Acção reivindicativa

Acção De Luta Nacional Em Lisboa Traz À Rua Milhares De Trabalhadores!

No dia 26 de Setembro a CGTP-IN levou a cabo a Jornada Nacional de luta em Lisboa, contou com a participação de muitos trabalhadores e ativistas sindicais que desfilaram a partir do Cais do Sodré e do Rossio até à Pça. do Comércio. 

A luta pelo emprego, pelo salário pelos direitos tem sido uma luta constante, ainda mais quando milhares de trabalhadores foram despedidos e outros estão em risco de o ser, apesar dos milhões de fundos públicos que foram disponibilizados para as grandes empresas, retirando verbas à conta da Segurança Social. A defesa do emprego e a luta contra a precariedade é uma prioridade de luta. 

Na intervenção proferida pela Secretária Geral da CGTP-IN, Isabel Camarinha reafirmou a importância que tem a redução do horário de trabalho para as 35 horas semanais e a necessidade de se revogar as normas gravosas do código do trabalho, nomeadamente a da implementação do banco de horas grupal. 

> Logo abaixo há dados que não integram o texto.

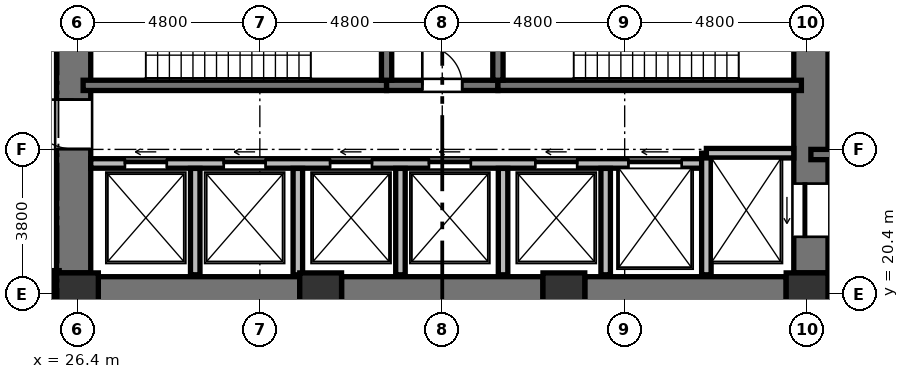
"""IFC4 building model, lengths in metres.
Left out: names, types, materials, properties, quantities, classifications, styles, units other than length and angle.
Written with IfcOpenShell. Run it as: python <this file> out.ifc"""

import sys

from ifc_helpers import new_model, si_unit, direction, frame, frame_2d, origin, origin_2d, place, context, subcontext, project, spatial, rectangle, extrude, element, fill, save


model = new_model("IFC4")
c1 = context("Model", 3, precision=1e-05, world=origin(), true_north=direction((0.0, 1.0)))
c2 = subcontext(c1, "Body", "Model", "MODEL_VIEW")
j1 = project(units=[si_unit("LENGTHUNIT", "METRE"), si_unit("PLANEANGLEUNIT", "RADIAN")], contexts=[c1])
p1 = place(None, origin())
s1 = spatial("IfcSite", under=j1, at=p1, CompositionType="ELEMENT")
p2 = place(p1, origin())
s2 = spatial("IfcBuilding", under=s1, at=p2, CompositionType="ELEMENT")
p3 = place(p2, frame((0.0, 0.0, 6.0)))
s3 = spatial("IfcBuildingStorey", under=s2, at=p3, CompositionType="ELEMENT", Elevation=6.0)
for number, where, z_axis, x_axis in (
    (1, (26.4, 20.4, 0.0), (0.0, 0.0, 1.0), (1.0, 0.0, 0.0)),
    (2, (32.8, 20.4, 0.0), (0.0, 0.0, 1.0), (1.0, 0.0, 0.0)),
    (3, (39.2, 20.4, 0.0), (0.0, 0.0, 1.0), (1.0, 0.0, 0.0)),
    (4, (45.6, 20.4, 0.0), (0.0, 0.0, 1.0), (1.0, 0.0, 0.0)),
):
    element("IfcColumn", number, at=place(p3, frame(where, z_axis=z_axis, x_axis=x_axis)), inside=s3, PredefinedType="COLUMN", context=c2, shape_type="SweptSolid", body=[
        extrude(rectangle(XDim=1.1, YDim=1.1, at=origin_2d()), origin(), (0.0, 0.0, 1.0), 4.8),
    ])
p4 = place(p3, frame((26.3, 20.95, 0.0), z_axis=(0.0, 0.0, 1.0), x_axis=(0.0, 1.0, 0.0)))
e5 = element("IfcWall", 5, at=p4, inside=s3, PredefinedType="SHEAR", context=c2, shape_type="SweptSolid", body=[
    extrude(rectangle(XDim=14.1, YDim=0.9, at=frame_2d((7.05, 0.0))), origin(), (0.0, 0.0, 1.0), 4.8),
])
p5 = place(p4, frame((6.5, 0.0, 0.0)))
e6 = element("IfcOpeningElement", 6, at=p5, cuts=e5, PredefinedType="OPENING", context=c2, shape_type="SweptSolid", body=[
    extrude(rectangle(XDim=1.2, YDim=2.15, at=frame_2d((0.6, 1.075))), frame((0.0, 0.46, 0.0), z_axis=(0.0, -1.0, 0.0), x_axis=(1.0, 0.0, 0.0)), (0.0, 0.0, 1.0), 0.92),
])
p6 = place(p4, frame((9.6, 0.0, 0.0)))
e7 = element("IfcOpeningElement", 7, at=p6, cuts=e5, PredefinedType="OPENING", context=c2, shape_type="SweptSolid", body=[
    extrude(rectangle(XDim=1.3, YDim=2.2, at=frame_2d((0.65, 1.1))), frame((0.0, 0.46, 0.0), z_axis=(0.0, -1.0, 0.0), x_axis=(1.0, 0.0, 0.0)), (0.0, 0.0, 1.0), 0.92),
])
p7 = place(p4, frame((3.26, 0.0, 0.0)))
e8 = element("IfcOpeningElement", 8, at=p7, cuts=e5, PredefinedType="OPENING", context=c2, shape_type="SweptSolid", body=[
    extrude(rectangle(XDim=1.3, YDim=2.2, at=frame_2d((0.65, 1.1))), frame((0.0, 0.46, 0.0), z_axis=(0.0, -1.0, 0.0), x_axis=(1.0, 0.0, 0.0)), (0.0, 0.0, 1.0), 0.92),
])
p8 = place(p3, frame((45.7, 20.95, 0.0), z_axis=(0.0, 0.0, 1.0), x_axis=(0.0, 1.0, 0.0)))
e9 = element("IfcWall", 9, at=p8, inside=s3, PredefinedType="SHEAR", context=c2, shape_type="SweptSolid", body=[
    extrude(rectangle(XDim=14.1, YDim=0.9, at=frame_2d((7.05, 0.0))), origin(), (0.0, 0.0, 1.0), 4.8),
])
p9 = place(p8, frame((11.75, 0.0, 0.0)))
e10 = element("IfcOpeningElement", 10, at=p9, cuts=e9, PredefinedType="OPENING", context=c2, shape_type="SweptSolid", body=[
    extrude(rectangle(XDim=1.4, YDim=2.3, at=frame_2d((0.7, 1.15))), frame((0.0, 0.46, 0.0), z_axis=(0.0, -1.0, 0.0), x_axis=(1.0, 0.0, 0.0)), (0.0, 0.0, 1.0), 0.92),
])
p10 = place(p8, frame((0.95, 0.0, 0.0)))
e11 = element("IfcOpeningElement", 11, at=p10, cuts=e9, PredefinedType="OPENING", context=c2, shape_type="SweptSolid", body=[
    extrude(rectangle(XDim=1.4, YDim=2.3, at=frame_2d((0.7, 1.15))), frame((0.0, 0.46, 0.0), z_axis=(0.0, -1.0, 0.0), x_axis=(1.0, 0.0, 0.0)), (0.0, 0.0, 1.0), 0.92),
])
p11 = place(p3, frame((26.95, 20.4, 0.0), z_axis=(0.0, 0.0, 1.0), x_axis=(1.0, 0.0, 0.0)))
e12 = element("IfcWall", 12, at=p11, inside=s3, PredefinedType="SHEAR", context=c2, shape_type="SweptSolid", body=[
    extrude(rectangle(XDim=5.3, YDim=0.9, at=frame_2d((2.65, 0.0))), origin(), (0.0, 0.0, 1.0), 4.8),
])
p12 = place(p3, frame((33.35, 20.4, 0.0), z_axis=(0.0, 0.0, 1.0), x_axis=(1.0, 0.0, 0.0)))
e13 = element("IfcWall", 13, at=p12, inside=s3, PredefinedType="SHEAR", context=c2, shape_type="SweptSolid", body=[
    extrude(rectangle(XDim=5.3, YDim=0.9, at=frame_2d((2.65, 0.0))), origin(), (0.0, 0.0, 1.0), 4.8),
])
p13 = place(p3, frame((39.75, 20.4, 0.0), z_axis=(0.0, 0.0, 1.0), x_axis=(1.0, 0.0, 0.0)))
e14 = element("IfcWall", 14, at=p13, inside=s3, PredefinedType="SHEAR", context=c2, shape_type="SweptSolid", body=[
    extrude(rectangle(XDim=5.3, YDim=0.9, at=frame_2d((2.65, 0.0))), origin(), (0.0, 0.0, 1.0), 4.8),
])
p14 = place(p3, frame((26.55, 25.885, 0.0), z_axis=(0.0, 0.0, 1.0), x_axis=(1.0, 0.0, 0.0)))
e15 = element("IfcWall", 15, at=p14, inside=s3, PredefinedType="SHEAR", context=c2, shape_type="SweptSolid", body=[
    extrude(rectangle(XDim=7.985, YDim=0.27, at=frame_2d((3.992, 0.0))), origin(), (0.0, 0.0, 1.0), 4.8),
])
p15 = place(p3, frame((34.535, 25.885, 0.0), z_axis=(0.0, 0.0, 1.0), x_axis=(1.0, 0.0, 0.0)))
e16 = element("IfcWall", 16, at=p15, inside=s3, PredefinedType="SHEAR", context=c2, shape_type="SweptSolid", body=[
    extrude(rectangle(XDim=2.93, YDim=0.27, at=frame_2d((1.465, 0.0))), origin(), (0.0, 0.0, 1.0), 4.8),
])
p16 = place(p15, frame((0.94, 0.0, 0.0)))
e17 = element("IfcOpeningElement", 17, at=p16, cuts=e16, PredefinedType="OPENING", context=c2, shape_type="SweptSolid", body=[
    extrude(rectangle(XDim=1.05, YDim=2.15, at=frame_2d((0.525, 1.075))), frame((0.0, 0.145, 0.0), z_axis=(0.0, -1.0, 0.0), x_axis=(1.0, 0.0, 0.0)), (0.0, 0.0, 1.0), 0.29),
])
p17 = place(p3, frame((37.465, 25.885, 0.0), z_axis=(0.0, 0.0, 1.0), x_axis=(1.0, 0.0, 0.0)))
e18 = element("IfcWall", 18, at=p17, inside=s3, PredefinedType="SHEAR", context=c2, shape_type="SweptSolid", body=[
    extrude(rectangle(XDim=7.985, YDim=0.27, at=frame_2d((3.992, 0.0))), origin(), (0.0, 0.0, 1.0), 4.8),
])
for number, where, z_axis, x_axis in (
    (19, (34.535, 26.02, 0.0), (0.0, 0.0, 1.0), (0.0, 1.0, 0.0)),
    (20, (37.465, 26.02, 0.0), (0.0, 0.0, 1.0), (0.0, 1.0, 0.0)),
):
    element("IfcWall", number, at=place(p3, frame(where, z_axis=z_axis, x_axis=x_axis)), inside=s3, PredefinedType="SHEAR", context=c2, shape_type="SweptSolid", body=[
        extrude(rectangle(XDim=4.08, YDim=0.27, at=frame_2d((2.04, 0.0))), origin(), (0.0, 0.0, 1.0), 4.8),
    ])
p18 = place(p3, frame((26.75, 23.83, 0.0), z_axis=(0.0, 0.0, 1.0), x_axis=(1.0, 0.0, 0.0)))
e21 = element("IfcWall", 21, at=p18, inside=s3, PredefinedType="SOLIDWALL", context=c2, shape_type="SweptSolid", body=[
    extrude(rectangle(XDim=16.2, YDim=0.25, at=frame_2d((8.1, 0.0))), origin(), (0.0, 0.0, 1.0), 4.52),
])
p19 = place(p18, frame((0.9, 0.0, 0.0)))
e22 = element("IfcOpeningElement", 22, at=p19, cuts=e21, PredefinedType="OPENING", context=c2, shape_type="SweptSolid", body=[
    extrude(rectangle(XDim=1.1, YDim=2.2, at=frame_2d((0.55, 1.1))), frame((0.0, 0.135, 0.0), z_axis=(0.0, -1.0, 0.0), x_axis=(1.0, 0.0, 0.0)), (0.0, 0.0, 1.0), 0.27),
])
p20 = place(p18, frame((3.5, 0.0, 0.0)))
e23 = element("IfcOpeningElement", 23, at=p20, cuts=e21, PredefinedType="OPENING", context=c2, shape_type="SweptSolid", body=[
    extrude(rectangle(XDim=1.1, YDim=2.2, at=frame_2d((0.55, 1.1))), frame((0.0, 0.135, 0.0), z_axis=(0.0, -1.0, 0.0), x_axis=(1.0, 0.0, 0.0)), (0.0, 0.0, 1.0), 0.27),
])
p21 = place(p18, frame((6.3, 0.0, 0.0)))
e24 = element("IfcOpeningElement", 24, at=p21, cuts=e21, PredefinedType="OPENING", context=c2, shape_type="SweptSolid", body=[
    extrude(rectangle(XDim=1.1, YDim=2.2, at=frame_2d((0.55, 1.1))), frame((0.0, 0.135, 0.0), z_axis=(0.0, -1.0, 0.0), x_axis=(1.0, 0.0, 0.0)), (0.0, 0.0, 1.0), 0.27),
])
p22 = place(p18, frame((8.9, 0.0, 0.0)))
e25 = element("IfcOpeningElement", 25, at=p22, cuts=e21, PredefinedType="OPENING", context=c2, shape_type="SweptSolid", body=[
    extrude(rectangle(XDim=1.1, YDim=2.2, at=frame_2d((0.55, 1.1))), frame((0.0, 0.135, 0.0), z_axis=(0.0, -1.0, 0.0), x_axis=(1.0, 0.0, 0.0)), (0.0, 0.0, 1.0), 0.27),
])
p23 = place(p18, frame((11.7, 0.0, 0.0)))
e26 = element("IfcOpeningElement", 26, at=p23, cuts=e21, PredefinedType="OPENING", context=c2, shape_type="SweptSolid", body=[
    extrude(rectangle(XDim=1.1, YDim=2.2, at=frame_2d((0.55, 1.1))), frame((0.0, 0.135, 0.0), z_axis=(0.0, -1.0, 0.0), x_axis=(1.0, 0.0, 0.0)), (0.0, 0.0, 1.0), 0.27),
])
p24 = place(p18, frame((14.15, 0.0, 0.0)))
e27 = element("IfcOpeningElement", 27, at=p24, cuts=e21, PredefinedType="OPENING", context=c2, shape_type="SweptSolid", body=[
    extrude(rectangle(XDim=1.4, YDim=2.3, at=frame_2d((0.7, 1.15))), frame((0.0, 0.135, 0.0), z_axis=(0.0, -1.0, 0.0), x_axis=(1.0, 0.0, 0.0)), (0.0, 0.0, 1.0), 0.27),
])
p25 = place(p3, frame((42.95, 20.9, 0.0), z_axis=(0.0, 0.0, 1.0), x_axis=(0.0, 1.0, 0.0)))
e28 = element("IfcWall", 28, at=p25, inside=s3, PredefinedType="SOLIDWALL", context=c2, shape_type="SweptSolid", body=[
    extrude(rectangle(XDim=3.2, YDim=0.25, at=frame_2d((1.6, 0.0))), origin(), (0.0, 0.0, 1.0), 4.52),
])
p26 = place(p3, frame((42.95, 24.1, 0.0), z_axis=(0.0, 0.0, 1.0), x_axis=(1.0, 0.0, 0.0)))
e29 = element("IfcWall", 29, at=p26, inside=s3, PredefinedType="SOLIDWALL", context=c2, shape_type="SweptSolid", body=[
    extrude(rectangle(XDim=2.3, YDim=0.25, at=frame_2d((1.15, 0.0))), origin(), (0.0, 0.0, 1.0), 4.52),
])
for number, where, z_axis, x_axis in (
    (30, (29.5, 20.9, 0.0), (0.0, 0.0, 1.0), (0.0, 1.0, 0.0)),
    (31, (32.2, 20.9, 0.0), (0.0, 0.0, 1.0), (0.0, 1.0, 0.0)),
    (32, (34.9, 20.9, 0.0), (0.0, 0.0, 1.0), (0.0, 1.0, 0.0)),
    (33, (37.6, 20.9, 0.0), (0.0, 0.0, 1.0), (0.0, 1.0, 0.0)),
    (34, (40.3, 20.9, 0.0), (0.0, 0.0, 1.0), (0.0, 1.0, 0.0)),
):
    element("IfcWall", number, at=place(p3, frame(where, z_axis=z_axis, x_axis=x_axis)), inside=s3, PredefinedType="SOLIDWALL", context=c2, shape_type="SweptSolid", body=[
        extrude(rectangle(XDim=2.8, YDim=0.25, at=frame_2d((1.4, 0.0))), origin(), (0.0, 0.0, 1.0), 4.52),
    ])
p27 = place(p3, frame((45.7, 24.065, 0.0), z_axis=(0.0, 0.0, 1.0), x_axis=(1.0, 0.0, 0.0)))
e35 = element("IfcWall", 35, at=p27, inside=s3, PredefinedType="SHEAR", context=c2, shape_type="SweptSolid", body=[
    extrude(rectangle(XDim=4.715, YDim=0.27, at=frame_2d((2.357, 0.0))), origin(), (0.0, 0.0, 1.0), 4.8),
])
p28 = place(p3, frame((25.83, 21.01, 0.0), z_axis=(0.0, 0.0, 1.0), x_axis=(0.0, -1.0, 0.0)))
e36 = element("IfcWall", 36, at=p28, inside=s3, PredefinedType="PARTITIONING", context=c2, shape_type="SweptSolid", body=[
    extrude(rectangle(XDim=1.22, YDim=0.18, at=frame_2d((0.61, 0.0))), origin(), (0.0, 0.0, 1.0), 4.52),
])
p29 = place(p16, origin())
e37 = element("IfcDoor", 37, at=p29, inside=s3, OperationType="SINGLE_SWING_LEFT", PredefinedType="DOOR", context=c2, shape_type="SweptSolid", body=[
    extrude(rectangle(XDim=1.05, YDim=2.15, at=frame_2d((0.525, 1.075))), frame((0.0, 0.025, 0.0), z_axis=(0.0, -1.0, 0.0), x_axis=(1.0, 0.0, 0.0)), (0.0, 0.0, 1.0), 0.05),
])
fill(e17, e37)
p30 = place(p7, origin())
e38 = element("IfcDoor", 38, at=p30, inside=s3, OperationType="SINGLE_SWING_RIGHT", PredefinedType="DOOR", context=c2, shape_type="SweptSolid", body=[
    extrude(rectangle(XDim=1.3, YDim=2.2, at=frame_2d((0.65, 1.1))), frame((0.0, 0.025, 0.0), z_axis=(0.0, -1.0, 0.0), x_axis=(1.0, 0.0, 0.0)), (0.0, 0.0, 1.0), 0.05),
])
fill(e8, e38)
p31 = place(p19, origin())
e39 = element("IfcDoor", 39, at=p31, inside=s3, OperationType="SLIDING_TO_LEFT", PredefinedType="DOOR", context=c2, shape_type="SweptSolid", body=[
    extrude(rectangle(XDim=1.1, YDim=2.2, at=frame_2d((0.55, 1.1))), frame((0.0, 0.025, 0.0), z_axis=(0.0, -1.0, 0.0), x_axis=(1.0, 0.0, 0.0)), (0.0, 0.0, 1.0), 0.05),
])
fill(e22, e39)
p32 = place(p20, origin())
e40 = element("IfcDoor", 40, at=p32, inside=s3, OperationType="SLIDING_TO_LEFT", PredefinedType="DOOR", context=c2, shape_type="SweptSolid", body=[
    extrude(rectangle(XDim=1.1, YDim=2.2, at=frame_2d((0.55, 1.1))), frame((0.0, 0.025, 0.0), z_axis=(0.0, -1.0, 0.0), x_axis=(1.0, 0.0, 0.0)), (0.0, 0.0, 1.0), 0.05),
])
fill(e23, e40)
p33 = place(p21, origin())
e41 = element("IfcDoor", 41, at=p33, inside=s3, OperationType="SLIDING_TO_LEFT", PredefinedType="DOOR", context=c2, shape_type="SweptSolid", body=[
    extrude(rectangle(XDim=1.1, YDim=2.2, at=frame_2d((0.55, 1.1))), frame((0.0, 0.025, 0.0), z_axis=(0.0, -1.0, 0.0), x_axis=(1.0, 0.0, 0.0)), (0.0, 0.0, 1.0), 0.05),
])
fill(e24, e41)
p34 = place(p22, origin())
e42 = element("IfcDoor", 42, at=p34, inside=s3, OperationType="SLIDING_TO_LEFT", PredefinedType="DOOR", context=c2, shape_type="SweptSolid", body=[
    extrude(rectangle(XDim=1.1, YDim=2.2, at=frame_2d((0.55, 1.1))), frame((0.0, 0.025, 0.0), z_axis=(0.0, -1.0, 0.0), x_axis=(1.0, 0.0, 0.0)), (0.0, 0.0, 1.0), 0.05),
])
fill(e25, e42)
p35 = place(p23, origin())
e43 = element("IfcDoor", 43, at=p35, inside=s3, OperationType="SLIDING_TO_LEFT", PredefinedType="DOOR", context=c2, shape_type="SweptSolid", body=[
    extrude(rectangle(XDim=1.1, YDim=2.2, at=frame_2d((0.55, 1.1))), frame((0.0, 0.025, 0.0), z_axis=(0.0, -1.0, 0.0), x_axis=(1.0, 0.0, 0.0)), (0.0, 0.0, 1.0), 0.05),
])
fill(e26, e43)
p36 = place(p10, origin())
e44 = element("IfcDoor", 44, at=p36, inside=s3, OperationType="SLIDING_TO_LEFT", PredefinedType="DOOR", context=c2, shape_type="SweptSolid", body=[
    extrude(rectangle(XDim=1.4, YDim=2.3, at=frame_2d((0.7, 1.15))), frame((0.0, 0.025, 0.0), z_axis=(0.0, -1.0, 0.0), x_axis=(1.0, 0.0, 0.0)), (0.0, 0.0, 1.0), 0.05),
])
fill(e11, e44)
p37 = place(p24, origin())
e45 = element("IfcDoor", 45, at=p37, inside=s3, OperationType="SLIDING_TO_LEFT", PredefinedType="DOOR", context=c2, shape_type="SweptSolid", body=[
    extrude(rectangle(XDim=1.4, YDim=2.3, at=frame_2d((0.7, 1.15))), frame((0.0, 0.025, 0.0), z_axis=(0.0, -1.0, 0.0), x_axis=(1.0, 0.0, 0.0)), (0.0, 0.0, 1.0), 0.05),
])
fill(e27, e45)
save(model, sys.argv[1])

Face ao actual contexto económico e social o aumento geral dos salários por via da contratação colectiva, a valorização do trabalho e dos trabalhadores são fatores determinantes para a melhoria das condições de vida e para o desenvolvimento do país. 

No final da manifestação foi aprovada uma resolução, que contém 13 reivindicações imediatas e onde é assumido o compromisso de continuar a luta, reforçando a organização e a unidade entre todos os trabalhadores, de tomar nas nossas mãos a defesa e valorização do trabalho e dos trabalhadores, a conquista de um país desenvolvido e soberano. 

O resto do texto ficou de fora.